Badeseen – hier ist Baden meist ausdrücklich erwünscht
Ausgewiesene Badeseen sind die sicherste Wahl. Sie verfügen meist über öffentliche Zugänge, werden regelmäßig kontrolliert und sind auf Badegäste ausgelegt. Hier spricht in der Regel nichts gegen ein erfrischendes Bad – sofern keine vorübergehenden Sperrungen bestehen.
Naturseen – häufig erlaubt, aber nicht überall
Viele größere Naturseen dürfen ebenfalls zum Baden genutzt werden. Allerdings gibt es oft nur bestimmte Uferabschnitte, an denen das erlaubt oder sinnvoll ist.
Empfindliche Schilfgürtel, Brutgebiete oder Naturschutzbereiche sollten gemieden werden, auch wenn das Wasser noch so einladend wirkt.
Baggerseen – ein Sonderfall
Baggerseen gehören häufig Unternehmen, Kommunen oder Angelvereinen. Manche wurden später offiziell als Badeseen freigegeben, andere bleiben gesperrt.
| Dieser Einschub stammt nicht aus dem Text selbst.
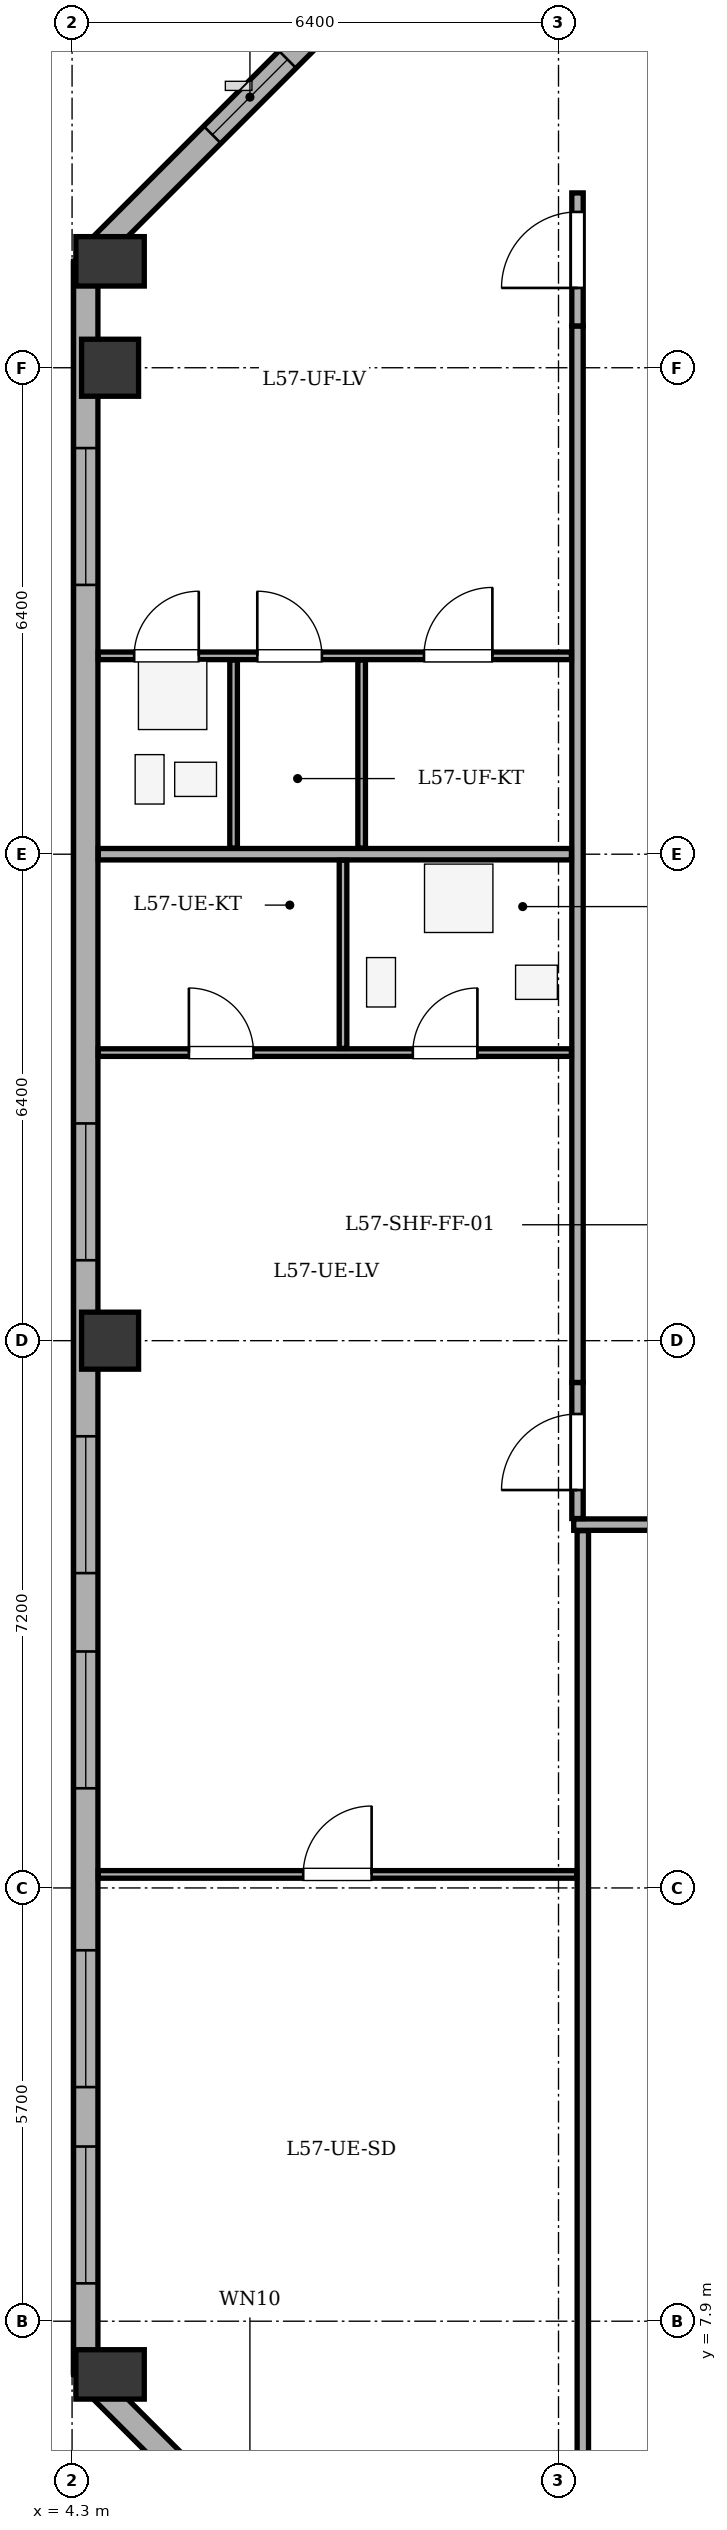
"""IFC4 building model, lengths in metres.
Left out: names, types, materials, properties, quantities, classifications, styles, units other than length and angle.
Written with IfcOpenShell. Run it as: python <this file> out.ifc"""

import sys

from ifc_helpers import new_model, si_unit, direction, frame, frame_2d, origin, origin_2d, place, context, subcontext, project, spatial, rectangle, extrude, element, fill, save


model = new_model("IFC4")
c1 = context("Model", 3, precision=1e-05, world=origin(), true_north=direction((0.0, 1.0)))
c2 = subcontext(c1, "Body", "Model", "MODEL_VIEW")
j1 = project(units=[si_unit("LENGTHUNIT", "METRE"), si_unit("PLANEANGLEUNIT", "RADIAN")], contexts=[c1])
p1 = place(None, origin())
s1 = spatial("IfcSite", under=j1, at=p1, CompositionType="ELEMENT")
p2 = place(p1, origin())
s2 = spatial("IfcBuilding", under=s1, at=p2, CompositionType="ELEMENT")
p3 = place(p2, frame((0.0, 0.0, 221.1)))
s3 = spatial("IfcBuildingStorey", under=s2, at=p3, CompositionType="ELEMENT", Elevation=221.1)
p4 = place(p3, frame((4.8, 7.2, 0.0), z_axis=(0.0, 0.0, 1.0), x_axis=(1.0, 0.0, 0.0)))
e1 = element("IfcColumn", 1, at=p4, inside=s3, PredefinedType="COLUMN", context=c2, shape_type="SweptSolid", body=[
    extrude(rectangle(XDim=0.65, YDim=0.9, at=origin_2d()), origin(), (0.0, 0.0, 1.0), 3.4),
])
for number, where, z_axis, x_axis in (
    (2, (4.8, 20.8, 0.0), (0.0, 0.0, 1.0), (1.0, 0.0, 0.0)),
    (3, (4.8, 33.6, 0.0), (0.0, 0.0, 1.0), (1.0, 0.0, 0.0)),
):
    element("IfcColumn", number, at=place(p3, frame(where, z_axis=z_axis, x_axis=x_axis)), inside=s3, PredefinedType="COLUMN", context=c2, shape_type="SweptSolid", body=[
        extrude(rectangle(XDim=0.75, YDim=0.75, at=origin_2d()), origin(), (0.0, 0.0, 1.0), 3.4),
    ])
p5 = place(p3, frame((4.8, 35.0, 0.0), z_axis=(0.0, 0.0, 1.0), x_axis=(1.0, 0.0, 0.0)))
e4 = element("IfcColumn", 4, at=p5, inside=s3, PredefinedType="COLUMN", context=c2, shape_type="SweptSolid", body=[
    extrude(rectangle(XDim=0.65, YDim=0.9, at=origin_2d()), origin(), (0.0, 0.0, 1.0), 3.4),
])
p6 = place(p3, frame((8.8, 2.88, 0.0), z_axis=(0.0, 0.0, 1.0), x_axis=(-0.707106781187, 0.707106781187, 0.0)))
e5 = element("IfcWall", 5, at=p6, inside=s3, PredefinedType="STANDARD", context=c2, shape_type="SweptSolid", body=[
    extrude(rectangle(XDim=6.11, YDim=0.32, at=frame_2d((3.055, 0.0))), origin(), (0.0, 0.0, 1.0), 2.725),
])
p7 = place(p6, frame((2.355, 0.0, 0.75)))
e6 = element("IfcOpeningElement", 6, at=p7, cuts=e5, PredefinedType="OPENING", context=c2, shape_type="SweptSolid", body=[
    extrude(rectangle(XDim=1.4, YDim=1.65, at=frame_2d((0.7, 0.825))), frame((0.0, 0.17, 0.0), z_axis=(0.0, -1.0, 0.0), x_axis=(1.0, 0.0, 0.0)), (0.0, 0.0, 1.0), 0.34),
])
p8 = place(p3, frame((4.48, 7.2, 0.0), z_axis=(0.0, 0.0, 1.0), x_axis=(0.0, 1.0, 0.0)))
e7 = element("IfcWall", 7, at=p8, inside=s3, PredefinedType="STANDARD", context=c2, shape_type="SweptSolid", body=[
    extrude(rectangle(XDim=27.8, YDim=0.32, at=frame_2d((13.9, 0.0))), origin(), (0.0, 0.0, 1.0), 2.725),
])
p9 = place(p8, frame((1.198, 0.0, 0.75)))
e8 = element("IfcOpeningElement", 8, at=p9, cuts=e7, PredefinedType="OPENING", context=c2, shape_type="SweptSolid", body=[
    extrude(rectangle(XDim=1.8, YDim=1.7, at=frame_2d((0.9, 0.85))), frame((0.0, 0.17, 0.0), z_axis=(0.0, -1.0, 0.0), x_axis=(1.0, 0.0, 0.0)), (0.0, 0.0, 1.0), 0.34),
])
p10 = place(p8, frame((3.78, 0.0, 0.75)))
e9 = element("IfcOpeningElement", 9, at=p10, cuts=e7, PredefinedType="OPENING", context=c2, shape_type="SweptSolid", body=[
    extrude(rectangle(XDim=1.8, YDim=1.7, at=frame_2d((0.9, 0.85))), frame((0.0, 0.17, 0.0), z_axis=(0.0, -1.0, 0.0), x_axis=(1.0, 0.0, 0.0)), (0.0, 0.0, 1.0), 0.34),
])
p11 = place(p8, frame((7.711, 0.0, 0.75)))
e10 = element("IfcOpeningElement", 10, at=p11, cuts=e7, PredefinedType="OPENING", context=c2, shape_type="SweptSolid", body=[
    extrude(rectangle(XDim=1.8, YDim=1.7, at=frame_2d((0.9, 0.85))), frame((0.0, 0.17, 0.0), z_axis=(0.0, -1.0, 0.0), x_axis=(1.0, 0.0, 0.0)), (0.0, 0.0, 1.0), 0.34),
])
p12 = place(p8, frame((10.542, 0.0, 0.75)))
e11 = element("IfcOpeningElement", 11, at=p12, cuts=e7, PredefinedType="OPENING", context=c2, shape_type="SweptSolid", body=[
    extrude(rectangle(XDim=1.8, YDim=1.7, at=frame_2d((0.9, 0.85))), frame((0.0, 0.17, 0.0), z_axis=(0.0, -1.0, 0.0), x_axis=(1.0, 0.0, 0.0)), (0.0, 0.0, 1.0), 0.34),
])
p13 = place(p8, frame((14.658, 0.0, 0.75)))
e12 = element("IfcOpeningElement", 12, at=p13, cuts=e7, PredefinedType="OPENING", context=c2, shape_type="SweptSolid", body=[
    extrude(rectangle(XDim=1.8, YDim=1.7, at=frame_2d((0.9, 0.85))), frame((0.0, 0.17, 0.0), z_axis=(0.0, -1.0, 0.0), x_axis=(1.0, 0.0, 0.0)), (0.0, 0.0, 1.0), 0.34),
])
p14 = place(p8, frame((23.543, 0.0, 0.75)))
e13 = element("IfcOpeningElement", 13, at=p14, cuts=e7, PredefinedType="OPENING", context=c2, shape_type="SweptSolid", body=[
    extrude(rectangle(XDim=1.8, YDim=1.7, at=frame_2d((0.9, 0.85))), frame((0.0, 0.17, 0.0), z_axis=(0.0, -1.0, 0.0), x_axis=(1.0, 0.0, 0.0)), (0.0, 0.0, 1.0), 0.34),
])
p15 = place(p3, frame((4.48, 35.0, 0.0), z_axis=(0.0, 0.0, 1.0), x_axis=(0.707106781187, 0.707106781187, 0.0)))
e14 = element("IfcWall", 14, at=p15, inside=s3, PredefinedType="STANDARD", context=c2, shape_type="SweptSolid", body=[
    extrude(rectangle(XDim=6.11, YDim=0.32, at=frame_2d((3.055, 0.0))), origin(), (0.0, 0.0, 1.0), 2.725),
])
p16 = place(p15, frame((2.355, 0.0, 0.75)))
e15 = element("IfcOpeningElement", 15, at=p16, cuts=e14, PredefinedType="OPENING", context=c2, shape_type="SweptSolid", body=[
    extrude(rectangle(XDim=1.4, YDim=1.65, at=frame_2d((0.7, 0.825))), frame((0.0, 0.17, 0.0), z_axis=(0.0, -1.0, 0.0), x_axis=(1.0, 0.0, 0.0)), (0.0, 0.0, 1.0), 0.34),
])
p17 = place(p3, frame((10.9, 18.38, 0.0), z_axis=(0.0, 0.0, 1.0), x_axis=(1.0, 0.0, 0.0)))
e16 = element("IfcWall", 16, at=p17, inside=s3, PredefinedType="PARTITIONING", context=c2, shape_type="SweptSolid", body=[
    extrude(rectangle(XDim=34.02, YDim=0.15, at=frame_2d((17.01, 0.0))), origin(), (0.0, 0.0, 1.0), 3.1),
])
p18 = place(p17, frame((3.674, 0.0, 0.0)))
e17 = element("IfcOpeningElement", 17, at=p18, cuts=e16, PredefinedType="OPENING", context=c2, shape_type="SweptSolid", body=[
    extrude(rectangle(XDim=1.0, YDim=2.1, at=frame_2d((0.5, 1.05))), frame((0.0, 0.085, 0.0), z_axis=(0.0, -1.0, 0.0), x_axis=(1.0, 0.0, 0.0)), (0.0, 0.0, 1.0), 0.17),
])
p19 = place(p17, frame((12.118, 0.0, 0.0)))
e18 = element("IfcOpeningElement", 18, at=p19, cuts=e16, PredefinedType="OPENING", context=c2, shape_type="SweptSolid", body=[
    extrude(rectangle(XDim=1.0, YDim=2.1, at=frame_2d((0.5, 1.05))), frame((0.0, 0.085, 0.0), z_axis=(0.0, -1.0, 0.0), x_axis=(1.0, 0.0, 0.0)), (0.0, 0.0, 1.0), 0.17),
])
p20 = place(p17, frame((20.901, 0.0, 0.0)))
e19 = element("IfcOpeningElement", 19, at=p20, cuts=e16, PredefinedType="OPENING", context=c2, shape_type="SweptSolid", body=[
    extrude(rectangle(XDim=1.0, YDim=2.1, at=frame_2d((0.5, 1.05))), frame((0.0, 0.085, 0.0), z_axis=(0.0, -1.0, 0.0), x_axis=(1.0, 0.0, 0.0)), (0.0, 0.0, 1.0), 0.17),
])
p21 = place(p17, frame((29.346, 0.0, 0.0)))
e20 = element("IfcOpeningElement", 20, at=p21, cuts=e16, PredefinedType="OPENING", context=c2, shape_type="SweptSolid", body=[
    extrude(rectangle(XDim=1.0, YDim=2.1, at=frame_2d((0.5, 1.05))), frame((0.0, 0.085, 0.0), z_axis=(0.0, -1.0, 0.0), x_axis=(1.0, 0.0, 0.0)), (0.0, 0.0, 1.0), 0.17),
])
p22 = place(p3, frame((11.02, 3.045, 0.0), z_axis=(0.0, 0.0, 1.0), x_axis=(0.0, 1.0, 0.0)))
e21 = element("IfcWall", 21, at=p22, inside=s3, PredefinedType="PARTITIONING", context=c2, shape_type="SweptSolid", body=[
    extrude(rectangle(XDim=15.255, YDim=0.15, at=frame_2d((7.627, 0.0))), origin(), (0.0, 0.0, 1.0), 3.1),
])
p23 = place(p3, frame((10.95, 18.46, 0.0), z_axis=(0.0, 0.0, 1.0), x_axis=(0.0, 1.0, 0.0)))
e22 = element("IfcWall", 22, at=p23, inside=s3, PredefinedType="PARTITIONING", context=c2, shape_type="SweptSolid", body=[
    extrude(rectangle(XDim=1.79, YDim=0.15, at=frame_2d((0.895, 0.0))), origin(), (0.0, 0.0, 1.0), 3.1),
])
p24 = place(p23, frame((0.375, 0.0, 0.0)))
e23 = element("IfcOpeningElement", 23, at=p24, cuts=e22, PredefinedType="OPENING", context=c2, shape_type="SweptSolid", body=[
    extrude(rectangle(XDim=1.0, YDim=2.1, at=frame_2d((0.5, 1.05))), frame((0.0, 0.085, 0.0), z_axis=(0.0, -1.0, 0.0), x_axis=(1.0, 0.0, 0.0)), (0.0, 0.0, 1.0), 0.17),
])
p25 = place(p3, frame((10.95, 20.25, 0.0), z_axis=(0.0, 0.0, 1.0), x_axis=(0.0, 1.0, 0.0)))
e24 = element("IfcWall", 24, at=p25, inside=s3, PredefinedType="PARTITIONING", context=c2, shape_type="SweptSolid", body=[
    extrude(rectangle(XDim=13.9, YDim=0.15, at=frame_2d((6.95, 0.0))), origin(), (0.0, 0.0, 1.0), 3.1),
])
p26 = place(p3, frame((10.95, 34.15, 0.0), z_axis=(0.0, 0.0, 1.0), x_axis=(0.0, 1.0, 0.0)))
e25 = element("IfcWall", 25, at=p26, inside=s3, PredefinedType="PARTITIONING", context=c2, shape_type="SweptSolid", body=[
    extrude(rectangle(XDim=1.75, YDim=0.15, at=frame_2d((0.875, 0.0))), origin(), (0.0, 0.0, 1.0), 3.1),
])
p27 = place(p26, frame((0.5, 0.0, 0.0)))
e26 = element("IfcOpeningElement", 26, at=p27, cuts=e25, PredefinedType="OPENING", context=c2, shape_type="SweptSolid", body=[
    extrude(rectangle(XDim=1.0, YDim=2.1, at=frame_2d((0.5, 1.05))), frame((0.0, 0.085, 0.0), z_axis=(0.0, -1.0, 0.0), x_axis=(1.0, 0.0, 0.0)), (0.0, 0.0, 1.0), 0.17),
])
p28 = place(p3, frame((4.645, 27.2, 0.0), z_axis=(0.0, 0.0, 1.0), x_axis=(1.0, 0.0, 0.0)))
e27 = element("IfcWall", 27, at=p28, inside=s3, PredefinedType="PARTITIONING", context=c2, shape_type="SweptSolid", body=[
    extrude(rectangle(XDim=6.225, YDim=0.15, at=frame_2d((3.113, 0.0))), origin(), (0.0, 0.0, 1.0), 2.725),
])
p29 = place(p3, frame((4.645, 24.59, 0.0), z_axis=(0.0, 0.0, 1.0), x_axis=(1.0, 0.0, 0.0)))
e28 = element("IfcWall", 28, at=p29, inside=s3, PredefinedType="PARTITIONING", context=c2, shape_type="SweptSolid", body=[
    extrude(rectangle(XDim=6.225, YDim=0.1, at=frame_2d((3.113, 0.0))), origin(), (0.0, 0.0, 1.0), 3.1),
])
p30 = place(p29, frame((1.192, 0.0, 0.0)))
e29 = element("IfcOpeningElement", 29, at=p30, cuts=e28, PredefinedType="OPENING", context=c2, shape_type="SweptSolid", body=[
    extrude(rectangle(XDim=0.85, YDim=2.05, at=frame_2d((0.425, 1.025))), frame((0.0, 0.06, 0.0), z_axis=(0.0, -1.0, 0.0), x_axis=(1.0, 0.0, 0.0)), (0.0, 0.0, 1.0), 0.12),
])
p31 = place(p29, frame((4.138, 0.0, 0.0)))
e30 = element("IfcOpeningElement", 30, at=p31, cuts=e28, PredefinedType="OPENING", context=c2, shape_type="SweptSolid", body=[
    extrude(rectangle(XDim=0.85, YDim=2.05, at=frame_2d((0.425, 1.025))), frame((0.0, 0.06, 0.0), z_axis=(0.0, -1.0, 0.0), x_axis=(1.0, 0.0, 0.0)), (0.0, 0.0, 1.0), 0.12),
])
p32 = place(p3, frame((4.645, 13.778, 0.0), z_axis=(0.0, 0.0, 1.0), x_axis=(1.0, 0.0, 0.0)))
e31 = element("IfcWall", 31, at=p32, inside=s3, PredefinedType="PARTITIONING", context=c2, shape_type="SweptSolid", body=[
    extrude(rectangle(XDim=6.295, YDim=0.1, at=frame_2d((3.147, 0.0))), origin(), (0.0, 0.0, 1.0), 3.1),
])
p33 = place(p32, frame((2.696, 0.0, 0.0)))
e32 = element("IfcOpeningElement", 32, at=p33, cuts=e31, PredefinedType="OPENING", context=c2, shape_type="SweptSolid", body=[
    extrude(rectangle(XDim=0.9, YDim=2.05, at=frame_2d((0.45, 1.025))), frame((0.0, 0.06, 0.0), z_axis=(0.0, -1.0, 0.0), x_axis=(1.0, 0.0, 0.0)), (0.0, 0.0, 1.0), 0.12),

Gerade an ehemaligen Kiesgruben können steil abfallende Ufer, kalte Tiefenzonen oder Unterwasserhindernisse gefährlich werden. Deshalb sollte nur dort gebadet werden, wo dies ausdrücklich erlaubt ist.
Flüsse – oft erlaubt, aber nicht immer ratsam
Rechtlich ist das Baden in vielen Flüssen nicht grundsätzlich verboten. Dennoch ist Vorsicht geboten.
Strömungen, Schiffsverkehr, Wehre oder plötzlich wechselnde Wassertiefen können selbst erfahrene Schwimmer überraschen. Deshalb sind ausgewiesene Badestellen auch hier die sicherste Wahl.
Bäche – meist keine Badegewässer
Kleine Bäche laden zwar zum Abkühlen der Füße ein, eignen sich aber nur selten zum Baden.
Sie sind häufig Lebensraum für Amphibien, Fische und zahlreiche Wasserinsekten. Außerdem können schon wenige Badende den Gewässergrund und die Ufervegetation erheblich beeinträchtigen.
Teiche und Weiher – meist besser in Ruhe lassen
Bei kleinen Teichen und Weihern ist besondere Zurückhaltung angebracht. Viele befinden sich in Privatbesitz und dienen als Fischteiche oder Gartenteiche. Andere sind wertvolle Rückzugsorte für Frösche, Molche, Libellen und viele weitere Tiere.
Schon das Betreten des flachen Ufers kann Laichplätze zerstören oder Wasserpflanzen beschädigen. Deshalb sollten Teiche grundsätzlich nur dann zum Baden genutzt werden, wenn dies ausdrücklich erlaubt ist – was eher die Ausnahme ist.
Warum gibt es überhaupt Badeverbote?
Badeverbote dienen nicht nur der Sicherheit. Oft sollen auch empfindliche Lebensräume geschützt werden. Schilfgürtel sind Brutplätze vieler Vogelarten, flache Ufer dienen Amphibien als Laichgewässer und Unterwasserpflanzen sorgen für sauberes Wasser und bieten zahlreichen Tieren Schutz. Je kleiner ein Gewässer ist, desto stärker wirken sich Störungen durch Badende aus.
Die einfachste Faustregel
Wer sich unsicher ist, badet mit einer einfachen Regel meist richtig:
Baden Sie dort, wo das Baden ausdrücklich vorgesehen oder allgemein üblich ist – beispielsweise an ausgewiesenen Badeseen oder offiziellen Badestellen. Bei kleinen Teichen, Weihern oder unbekannten Gewässern sollte dagegen immer zunächst geprüft werden, ob der Zugang erlaubt ist und ob das Baden überhaupt gestattet und ungefährlich ist.